Casualties of Cool : spleening on the moon

Nombreux sont ceux, en cette fin de décennie, à avoir entendu parler du fantasque Devin Townsend. Figure emblématique du rock-metal progressif, mais aussi électron plus que libre et artiste accompli, celui-ci a démontré toute sa polyvalence avec une discographie aussi profuse que variée. Il s’agit, en outre, d’un cas d’école de chauve aux cheveux longs. Connu pour ses extravagances, Townsend développe depuis maintenant près d’un quart de siècle un univers riche et complexe, s’affranchissant aussi bien des limites de l’académisme… que de la bienséance. Le chanteur-guitariste s’est illustré à travers une série de concepts-albums abordant aussi bien le metal extrême que la folk, la pop ou l’électro (Epicloud, Ghost). 
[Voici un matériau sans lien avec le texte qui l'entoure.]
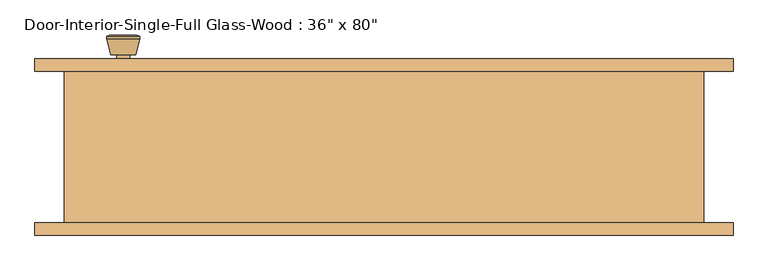
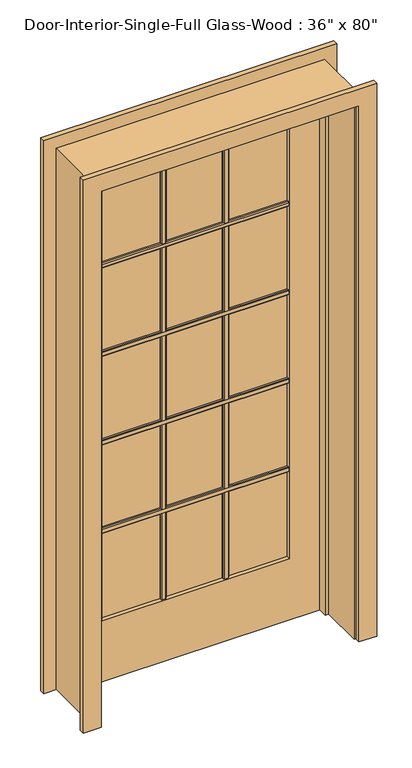
"""IFC4 building model written with IfcOpenShell, lengths in millimetres: door geometry."""

from ifc_helpers import new_model, si_unit, point, frame, frame_2d, origin, place, context, project, spatial, polyline, circle_curve, trimmed, segment, composite_curve, outline, extrude, faceted_brep, source, transform, mapped, element, save
from ifc_brep_helpers import plane_surface, cylinder_surface, revolved_surface, advanced_brep


def door_d5d480c1(model_context):
    return source(origin(), model_context, "Body", "SolidModel", [
        extrude(outline(polyline([(97.155, 1586.23), (103.505, 1586.23), (106.68, 1583.055), (106.68, 1570.355), (103.505, 1567.18), (97.155, 1567.18), (97.155, 1586.23)])), frame((-336.55, 0.0, 0.0), z_axis=(1.0, 0.0, 0.0), x_axis=(0.0, 1.0, 0.0)), (0.0, 0.0, 1.0), 673.1),
        extrude(outline(polyline([(97.155, 1249.9975), (103.505, 1249.9975), (106.68, 1246.8225), (106.68, 1234.1225), (103.505, 1230.9475), (97.155, 1230.9475), (97.155, 1249.9975)])), frame((-336.55, 0.0, 0.0), z_axis=(1.0, 0.0, 0.0), x_axis=(0.0, 1.0, 0.0)), (0.0, 0.0, 1.0), 673.1),
        extrude(outline(polyline([(97.155, 913.765), (103.505, 913.765), (106.68, 910.59), (106.68, 897.89), (103.505, 894.715), (97.155, 894.715), (97.155, 913.765)])), frame((-336.55, 0.0, 0.0), z_axis=(1.0, 0.0, 0.0), x_axis=(0.0, 1.0, 0.0)), (0.0, 0.0, 1.0), 673.1),
        extrude(outline(polyline([(97.155, 577.5325), (103.505, 577.5325), (106.68, 574.3575), (106.68, 561.6575), (103.505, 558.4825), (97.155, 558.4825), (97.155, 577.5325)])), frame((-336.55, 0.0, 0.0), z_axis=(1.0, 0.0, 0.0), x_axis=(0.0, 1.0, 0.0)), (0.0, 0.0, 1.0), 673.1),
        extrude(outline(polyline([(102.6583333, 97.155), (102.6583333, 103.505), (105.8333333, 106.68), (118.5333333, 106.68), (121.7083333, 103.505), (121.7083333, 97.155), (102.6583333, 97.155)])), frame((0.0, 0.0, 231.775), z_axis=(0.0, 0.0, 1.0), x_axis=(1.0, 0.0, 0.0)), (0.0, 0.0, 1.0), 1681.1625),
        extrude(outline(polyline([(-121.7083333, 97.155), (-121.7083333, 103.505), (-118.5333333, 106.68), (-105.8333333, 106.68), (-102.6583333, 103.505), (-102.6583333, 97.155), (-121.7083333, 97.155)])), frame((0.0, 0.0, 231.775), z_axis=(0.0, 0.0, 1.0), x_axis=(1.0, 0.0, 0.0)), (0.0, 0.0, 1.0), 1681.1625),
        extrude(outline(polyline([(90.17, 1586.23), (90.17, 1567.18), (83.82, 1567.18), (80.645, 1570.355), (80.645, 1583.055), (83.82, 1586.23), (90.17, 1586.23)])), frame((-336.55, 0.0, 0.0), z_axis=(1.0, 0.0, 0.0), x_axis=(0.0, 1.0, 0.0)), (0.0, 0.0, 1.0), 673.1),
        extrude(outline(polyline([(90.17, 1249.9975), (90.17, 1230.9475), (83.82, 1230.9475), (80.645, 1234.1225), (80.645, 1246.8225), (83.82, 1249.9975), (90.17, 1249.9975)])), frame((-336.55, 0.0, 0.0), z_axis=(1.0, 0.0, 0.0), x_axis=(0.0, 1.0, 0.0)), (0.0, 0.0, 1.0), 673.1),
        extrude(outline(polyline([(90.17, 913.765), (90.17, 894.715), (83.82, 894.715), (80.645, 897.89), (80.645, 910.59), (83.82, 913.765), (90.17, 913.765)])), frame((-336.55, 0.0, 0.0), z_axis=(1.0, 0.0, 0.0), x_axis=(0.0, 1.0, 0.0)), (0.0, 0.0, 1.0), 673.1),
        extrude(outline(polyline([(90.17, 577.5325), (90.17, 558.4825), (83.82, 558.4825), (80.645, 561.6575), (80.645, 574.3575), (83.82, 577.5325), (90.17, 577.5325)])), frame((-336.55, 0.0, 0.0), z_axis=(1.0, 0.0, 0.0), x_axis=(0.0, 1.0, 0.0)), (0.0, 0.0, 1.0), 673.1),
        extrude(outline(polyline([(102.6583333, 90.17), (121.7083333, 90.17), (121.7083333, 83.82), (118.5333333, 80.645), (105.8333333, 80.645), (102.6583333, 83.82), (102.6583333, 90.17)])), frame((0.0, 0.0, 231.775), z_axis=(0.0, 0.0, 1.0), x_axis=(1.0, 0.0, 0.0)), (0.0, 0.0, 1.0), 1681.1625),
        extrude(outline(polyline([(-121.7083333, 90.17), (-102.6583333, 90.17), (-102.6583333, 83.82), (-105.8333333, 80.645), (-118.5333333, 80.645), (-121.7083333, 83.82), (-121.7083333, 90.17)])), frame((0.0, 0.0, 231.775), z_axis=(0.0, 0.0, 1.0), x_axis=(1.0, 0.0, 0.0)), (0.0, 0.0, 1.0), 1681.1625),
        advanced_brep(
        [(-393.7, 70.2, 914.4), (-383.7, 70.2, 914.4), (-403.7, 70.2, 914.4), (-373.2241324, 21.2, 914.4), (-393.7, 21.2, 914.4), (-414.1758676, 21.2, 914.4), (-368.7, 23.0278681, 914.4), (-418.7, 23.0278681, 914.4), (-368.7, 26.4915463, 914.4), (-418.7, 26.4915463, 914.4), (-375.063764, 51.2, 914.4), (-412.336236, 51.2, 914.4), (-383.7, 51.2, 914.4), (-403.7, 51.2, 914.4)],
        [
            (0, 1),
            (1, 2, circle_curve(frame((-393.7, 70.2, 914.4), z_axis=(0.0, 1.0, 0.0), x_axis=(-1.0, 0.0, 0.0)), 10.0)),
            (2, 0),
            (2, 1, circle_curve(frame((-393.7, 70.2, 914.4), z_axis=(0.0, 1.0, 0.0), x_axis=(-1.0, 0.0, 0.0)), 10.0)),
            (3, 4),
            (4, 5),
            (5, 3, circle_curve(frame((-393.7, 21.2, 914.4), z_axis=(0.0, -1.0, 0.0), x_axis=(-1.0, 0.0, 0.0)), 20.4758676)),
            (3, 5, circle_curve(frame((-393.7, 21.2, 914.4), z_axis=(0.0, -1.0, 0.0), x_axis=(-1.0, 0.0, 0.0)), 20.4758676)),
            (6, 3),
            (5, 7),
            (7, 6, circle_curve(frame((-393.7, 23.0278681, 914.4), z_axis=(0.0, -1.0, 0.0), x_axis=(-1.0, 0.0, 0.0)), 25.0)),
            (6, 7, circle_curve(frame((-393.7, 23.0278681, 914.4), z_axis=(0.0, -1.0, 0.0), x_axis=(-1.0, 0.0, 0.0)), 25.0)),
            (8, 6),
            (7, 9),
            (9, 8, circle_curve(frame((-393.7, 26.4915463, 914.4), z_axis=(0.0, -1.0, 0.0), x_axis=(-1.0, 0.0, 0.0)), 25.0)),
            (8, 9, circle_curve(frame((-393.7, 26.4915463, 914.4), z_axis=(0.0, -1.0, 0.0), x_axis=(-1.0, 0.0, 0.0)), 25.0)),
            (10, 8),
            (9, 11),
            (11, 10, circle_curve(frame((-393.7, 51.2, 914.4), z_axis=(0.0, -1.0, 0.0), x_axis=(-1.0, 0.0, 0.0)), 18.636236)),
            (10, 11, circle_curve(frame((-393.7, 51.2, 914.4), z_axis=(0.0, -1.0, 0.0), x_axis=(-1.0, 0.0, 0.0)), 18.636236)),
            (12, 10),
            (11, 13),
            (13, 12, circle_curve(frame((-393.7, 51.2, 914.4), z_axis=(0.0, -1.0, 0.0), x_axis=(-1.0, 0.0, 0.0)), 10.0)),
            (12, 13, circle_curve(frame((-393.7, 51.2, 914.4), z_axis=(0.0, -1.0, 0.0), x_axis=(-1.0, 0.0, 0.0)), 10.0)),
            (1, 12),
            (13, 2),
        ],
        [
            plane_surface(frame((-393.7, 70.2, 914.4), z_axis=(0.0, 1.0, 0.0), x_axis=(-1.0, 0.0, 0.0))),
            plane_surface(frame((-393.7, 21.2, 914.4), z_axis=(0.0, -1.0, 0.0), x_axis=(-1.0, 0.0, 0.0))),
            revolved_surface(polyline([(-414.1758676, 21.2, 914.4), (-418.7, 23.0278681, 914.4)]), (-393.7, 70.2, 914.4), (0.0, 1.0, 0.0)),
            cylinder_surface(frame((-393.7, 70.2, 914.4), z_axis=(0.0, 1.0, 0.0), x_axis=(-1.0, 0.0, 0.0)), 25.0),
            revolved_surface(polyline([(-418.7, 26.4915463, 914.4), (-412.336236, 51.2, 914.4)]), (-393.7, 70.2, 914.4), (0.0, 1.0, 0.0)),
            plane_surface(frame((-393.7, 51.2, 914.4), z_axis=(0.0, 1.0, 0.0), x_axis=(-1.0, 0.0, 0.0))),
            cylinder_surface(frame((-393.7, 70.2, 914.4), z_axis=(0.0, 1.0, 0.0), x_axis=(-1.0, 0.0, 0.0)), 10.0),
        ],
        [
            (0, [[1, 2, 3]]),
            (0, [[-3, 4, -1]]),
            (1, [[5, 6, 7]]),
            (1, [[-6, -5, 8]]),
            (2, [[9, -7, 10, 11]]),
            (2, [[-10, -8, -9, 12]]),
            (3, [[13, -11, 14, 15]]),
            (3, [[-14, -12, -13, 16]]),
            (4, [[17, -15, 18, 19]]),
            (4, [[-18, -16, -17, 20]]),
            (5, [[21, -19, 22, 23]]),
            (5, [[-22, -20, -21, 24]]),
            (6, [[25, -23, 26, -2]]),
            (6, [[-26, -24, -25, -4]]),
        ],
    ),
        extrude(outline(composite_curve([segment(trimmed(circle_curve(frame_2d((914.4, -393.7)), 30.0), [point((914.4, -423.7))], [point((914.4, -363.7))], False, "CARTESIAN"), True, "CONTINUOUS"), segment(trimmed(circle_curve(frame_2d((914.4, -393.7)), 30.0), [point((914.4, -363.7))], [point((914.4, -423.7))], False, "CARTESIAN"), True, "CONTINUOUS")], self_intersect=False)), frame((0.0, 70.2, 0.0), z_axis=(0.0, 1.0, 0.0), x_axis=(0.0, 0.0, 1.0)), (0.0, 0.0, 1.0), 6.0),
        advanced_brep(
        [(-393.7, 117.125, 914.4), (-403.7, 117.125, 914.4), (-383.7, 117.125, 914.4), (-373.2241324, 166.125, 914.4), (-414.1758676, 166.125, 914.4), (-393.7, 166.125, 914.4), (-368.7, 164.2971319, 914.4), (-418.7, 164.2971319, 914.4), (-368.7, 160.8334537, 914.4), (-418.7, 160.8334537, 914.4), (-375.063764, 136.125, 914.4), (-412.336236, 136.125, 914.4), (-383.7, 136.125, 914.4), (-403.7, 136.125, 914.4)],
        [
            (0, 1),
            (1, 2, circle_curve(frame((-393.7, 117.125, 914.4), z_axis=(0.0, -1.0, 0.0), x_axis=(-1.0, 0.0, 0.0)), 10.0)),
            (2, 0),
            (2, 1, circle_curve(frame((-393.7, 117.125, 914.4), z_axis=(0.0, -1.0, 0.0), x_axis=(-1.0, 0.0, 0.0)), 10.0)),
            (3, 4, circle_curve(frame((-393.7, 166.125, 914.4), z_axis=(0.0, 1.0, 0.0), x_axis=(-1.0, 0.0, 0.0)), 20.4758676)),
            (4, 5),
            (5, 3),
            (4, 3, circle_curve(frame((-393.7, 166.125, 914.4), z_axis=(0.0, 1.0, 0.0), x_axis=(-1.0, 0.0, 0.0)), 20.4758676)),
            (6, 7, circle_curve(frame((-393.7, 164.2971319, 914.4), z_axis=(0.0, 1.0, 0.0), x_axis=(-1.0, 0.0, 0.0)), 25.0)),
            (7, 4),
            (3, 6),
            (7, 6, circle_curve(frame((-393.7, 164.2971319, 914.4), z_axis=(0.0, 1.0, 0.0), x_axis=(-1.0, 0.0, 0.0)), 25.0)),
            (8, 9, circle_curve(frame((-393.7, 160.8334537, 914.4), z_axis=(0.0, 1.0, 0.0), x_axis=(-1.0, 0.0, 0.0)), 25.0)),
            (9, 7),
            (6, 8),
            (9, 8, circle_curve(frame((-393.7, 160.8334537, 914.4), z_axis=(0.0, 1.0, 0.0), x_axis=(-1.0, 0.0, 0.0)), 25.0)),
            (10, 11, circle_curve(frame((-393.7, 136.125, 914.4), z_axis=(0.0, 1.0, 0.0), x_axis=(-1.0, 0.0, 0.0)), 18.636236)),
            (11, 9),
            (8, 10),
            (11, 10, circle_curve(frame((-393.7, 136.125, 914.4), z_axis=(0.0, 1.0, 0.0), x_axis=(-1.0, 0.0, 0.0)), 18.636236)),
            (12, 13, circle_curve(frame((-393.7, 136.125, 914.4), z_axis=(0.0, 1.0, 0.0), x_axis=(-1.0, 0.0, 0.0)), 10.0)),
            (13, 11),
            (10, 12),
            (13, 12, circle_curve(frame((-393.7, 136.125, 914.4), z_axis=(0.0, 1.0, 0.0), x_axis=(-1.0, 0.0, 0.0)), 10.0)),
            (1, 13),
            (12, 2),
        ],
        [
            plane_surface(frame((-393.7, 117.125, 914.4), z_axis=(0.0, -1.0, 0.0), x_axis=(-1.0, 0.0, 0.0))),
            plane_surface(frame((-393.7, 166.125, 914.4), z_axis=(0.0, 1.0, 0.0), x_axis=(-1.0, 0.0, 0.0))),
            revolved_surface(polyline([(-414.1758676, 166.125, 914.4), (-418.7, 164.2971319, 914.4)]), (-393.7, 117.125, 914.4), (0.0, -1.0, 0.0)),
            cylinder_surface(frame((-393.7, 117.125, 914.4), z_axis=(0.0, -1.0, 0.0), x_axis=(-1.0, 0.0, 0.0)), 25.0),
            revolved_surface(polyline([(-418.7, 160.8334537, 914.4), (-412.336236, 136.125, 914.4)]), (-393.7, 117.125, 914.4), (0.0, -1.0, 0.0)),
            plane_surface(frame((-393.7, 136.125, 914.4), z_axis=(0.0, -1.0, 0.0), x_axis=(-1.0, 0.0, 0.0))),
            cylinder_surface(frame((-393.7, 117.125, 914.4), z_axis=(0.0, -1.0, 0.0), x_axis=(-1.0, 0.0, 0.0)), 10.0),
        ],
        [
            (0, [[1, 2, 3]]),
            (0, [[-3, 4, -1]]),
            (1, [[5, 6, 7]]),
            (1, [[8, -7, -6]]),
            (2, [[9, 10, -5, 11]]),
            (2, [[12, -11, -8, -10]]),
            (3, [[13, 14, -9, 15]]),
            (3, [[16, -15, -12, -14]]),
            (4, [[17, 18, -13, 19]]),
            (4, [[20, -19, -16, -18]]),
            (5, [[21, 22, -17, 23]]),
            (5, [[24, -23, -20, -22]]),
            (6, [[-2, 25, -21, 26]]),
            (6, [[-4, -26, -24, -25]]),
        ],
    ),
        extrude(outline(composite_curve([segment(trimmed(circle_curve(frame_2d((914.4, -393.7)), 30.0), [point((914.4, -423.7))], [point((914.4, -363.7))], False, "CARTESIAN"), True, "CONTINUOUS"), segment(trimmed(circle_curve(frame_2d((914.4, -393.7)), 30.0), [point((914.4, -363.7))], [point((914.4, -423.7))], False, "CARTESIAN"), True, "CONTINUOUS")], self_intersect=False)), frame((0.0, 111.125, 0.0), z_axis=(0.0, 1.0, 0.0), x_axis=(0.0, 0.0, 1.0)), (0.0, 0.0, 1.0), 6.0),
        faceted_brep([(482.6, 111.125, 0.0), (482.6, -117.475, 0.0), (457.2, -117.475, 0.0), (457.2, 41.275, 0.0), (444.5, 41.275, 0.0), (444.5, 76.2, 0.0), (457.2, 76.2, 0.0), (457.2, 111.125, 0.0), (482.6, 111.125, 2057.4), (482.6, -117.475, 2057.4), (-482.6, -117.475, 2057.4), (-482.6, -117.475, 0.0), (-457.2, -117.475, 0.0), (-457.2, -117.475, 2032.0), (457.2, -117.475, 2032.0), (457.2, 41.275, 2032.0), (-457.2, 41.275, 2032.0), (-457.2, 41.275, 0.0), (-444.5, 41.275, 0.0), (-444.5, 41.275, 2019.3), (444.5, 41.275, 2019.3), (444.5, 76.2, 2019.3), (-444.5, 76.2, 2019.3), (-444.5, 76.2, 0.0), (-457.2, 76.2, 0.0), (-457.2, 76.2, 2032.0), (457.2, 76.2, 2032.0), (457.2, 111.125, 2032.0), (-457.2, 111.125, 2032.0), (-457.2, 111.125, 0.0), (-482.6, 111.125, 0.0), (-482.6, 111.125, 2057.4)], [[[0, 1, 2, 3, 4, 5, 6, 7]], [[1, 0, 8, 9]], [[2, 1, 9, 10, 11, 12, 13, 14]], [[3, 2, 14, 15]], [[4, 3, 15, 16, 17, 18, 19, 20]], [[5, 4, 20, 21]], [[6, 5, 21, 22, 23, 24, 25, 26]], [[7, 6, 26, 27]], [[0, 7, 27, 28, 29, 30, 31, 8]], [[9, 8, 31, 10]], [[15, 14, 13, 16]], [[21, 20, 19, 22]], [[27, 26, 25, 28]], [[30, 29, 24, 23, 18, 17, 12, 11]], [[10, 31, 30, 11]], [[16, 13, 12, 17]], [[22, 19, 18, 23]], [[28, 25, 24, 29]]]),
        extrude(outline(polyline([(2032.0, -457.2), (0.0, -457.2), (0.0, 457.2), (2032.0, 457.2), (2032.0, -457.2)]), holes=[polyline([(1912.9375, -336.55), (1912.9375, 336.55), (231.775, 336.55), (231.775, -336.55), (1912.9375, -336.55)])]), frame((0.0, 76.2, 0.0), z_axis=(0.0, 1.0, 0.0), x_axis=(0.0, 0.0, 1.0)), (0.0, 0.0, 1.0), 34.925),
        extrude(outline(polyline([(336.55, 90.17), (-336.55, 90.17), (-336.55, 97.155), (336.55, 97.155), (336.55, 90.17)])), frame((0.0, 0.0, 231.775), z_axis=(0.0, 0.0, 1.0), x_axis=(1.0, 0.0, 0.0)), (0.0, 0.0, 1.0), 1681.1625),
        extrude(outline(polyline([(0.0, 463.55), (0.0, 527.05), (2101.85, 527.05), (2101.85, -527.05), (0.0, -527.05), (0.0, -463.55), (2038.35, -463.55), (2038.35, 463.55), (0.0, 463.55)])), frame((0.0, 111.125, 0.0), z_axis=(0.0, 1.0, 0.0), x_axis=(0.0, 0.0, 1.0)), (0.0, 0.0, 1.0), 19.05),
        extrude(outline(polyline([(0.0, 463.55), (0.0, 527.05), (2101.85, 527.05), (2101.85, -527.05), (0.0, -527.05), (0.0, -463.55), (2038.35, -463.55), (2038.35, 463.55), (0.0, 463.55)])), frame((0.0, -136.525, 0.0), z_axis=(0.0, 1.0, 0.0), x_axis=(0.0, 0.0, 1.0)), (0.0, 0.0, 1.0), 19.05),
    ])


if __name__ == "__main__":
    model = new_model("IFC4")
    model_context = context("Model", 3, world=origin())
    ifc_project = project(units=[si_unit("LENGTHUNIT", "METRE", prefix="MILLI")], contexts=[model_context])
    site = spatial("IfcSite", under=ifc_project)
    building = spatial("IfcBuilding", under=site)
    placement = place(None, origin())
    door_shape = door_d5d480c1(model_context)
    element("IfcDoor", 1, ObjectType="Door-Interior-Single-Full Glass-Wood : 36\" x 80\"", at=placement, inside=building, context=model_context, shape_type="MappedRepresentation", body=[
        mapped(door_shape, transform((0.0, 0.0, 0.0), x_axis=(1.0, 0.0, 0.0), y_axis=(0.0, 1.0, 0.0), z_axis=(0.0, 0.0, 1.0))),
    ])
    save(model, "model.ifc")

# Revit data of these elements
# Type "Door-Interior-Single-Full Glass-Wood : 36\" x 80\""
#   Type Mark = "11"
#   Analytic Construction = "Wood frame with single clear glass"
#   Top Rail = 0' - 4 11/16"
#   Thickness = 0' - 1 3/8"
#   Thermal Resistance (R) = 1.0102 (h·ft²·°F)/BTU
#   Swing Angle [instance default] = 90.00°
#   Stiles = 0' - 4 3/4"
#   Rough Width = 3' - 2"
#   Rough Height = 6' - 9"
#   Height = 6' - 8"
#   Width = 3' - 0"
#   Heat Transfer Coefficient (U) = 0.9900 BTU/(h·ft²·°F)
#   Bottom Rail = 0' - 9 1/8"
#   Show Grill [instance default] = yes
#   Trim Material = Cherry
#   Panel Material = Cherry
#   Frame Material = Cherry
#   Door Handle Material = Aluminum
#   Visual Light Transmittance = 0
#   Solar Heat Gain Coefficient = 0
#   Wall Closure = (empty or 0)
#   Function = (empty or 0)
# Element 1 (IfcDoor, "Door-Interior-Single-Full Glass-Wood : 36\" x 80\"")
#   Materials on its faces: "Cherry", "Aluminum", "Glass"
# Materials
#   "Cherry": class "Wood", colour RGB 226 177 128, transparency 0, Description = "Prunus Serotina", Cost = 0
#   "Aluminum": class "Metal", colour RGB 247 247 247, transparency 0, Description = "Aluminum 6061", Cost = 0
#   "Glass": class "Glass", colour RGB 0 128 192, transparency 0.75, Description = "Soda Lime Glass", Cost = 0

Si certains de ses nombreux albums ont pu demeurer confidentiels, en raison de leur aspect baroque et bigarré, d’autres s’avèrent bien plus accessibles et contemplatifs. Témoin, le side-project Casualties of cool, qui va nous occuper aujourd’hui (comme les plus perspicaces d’entre vous l’auront deviné… enfin : Devin-é, LOL). 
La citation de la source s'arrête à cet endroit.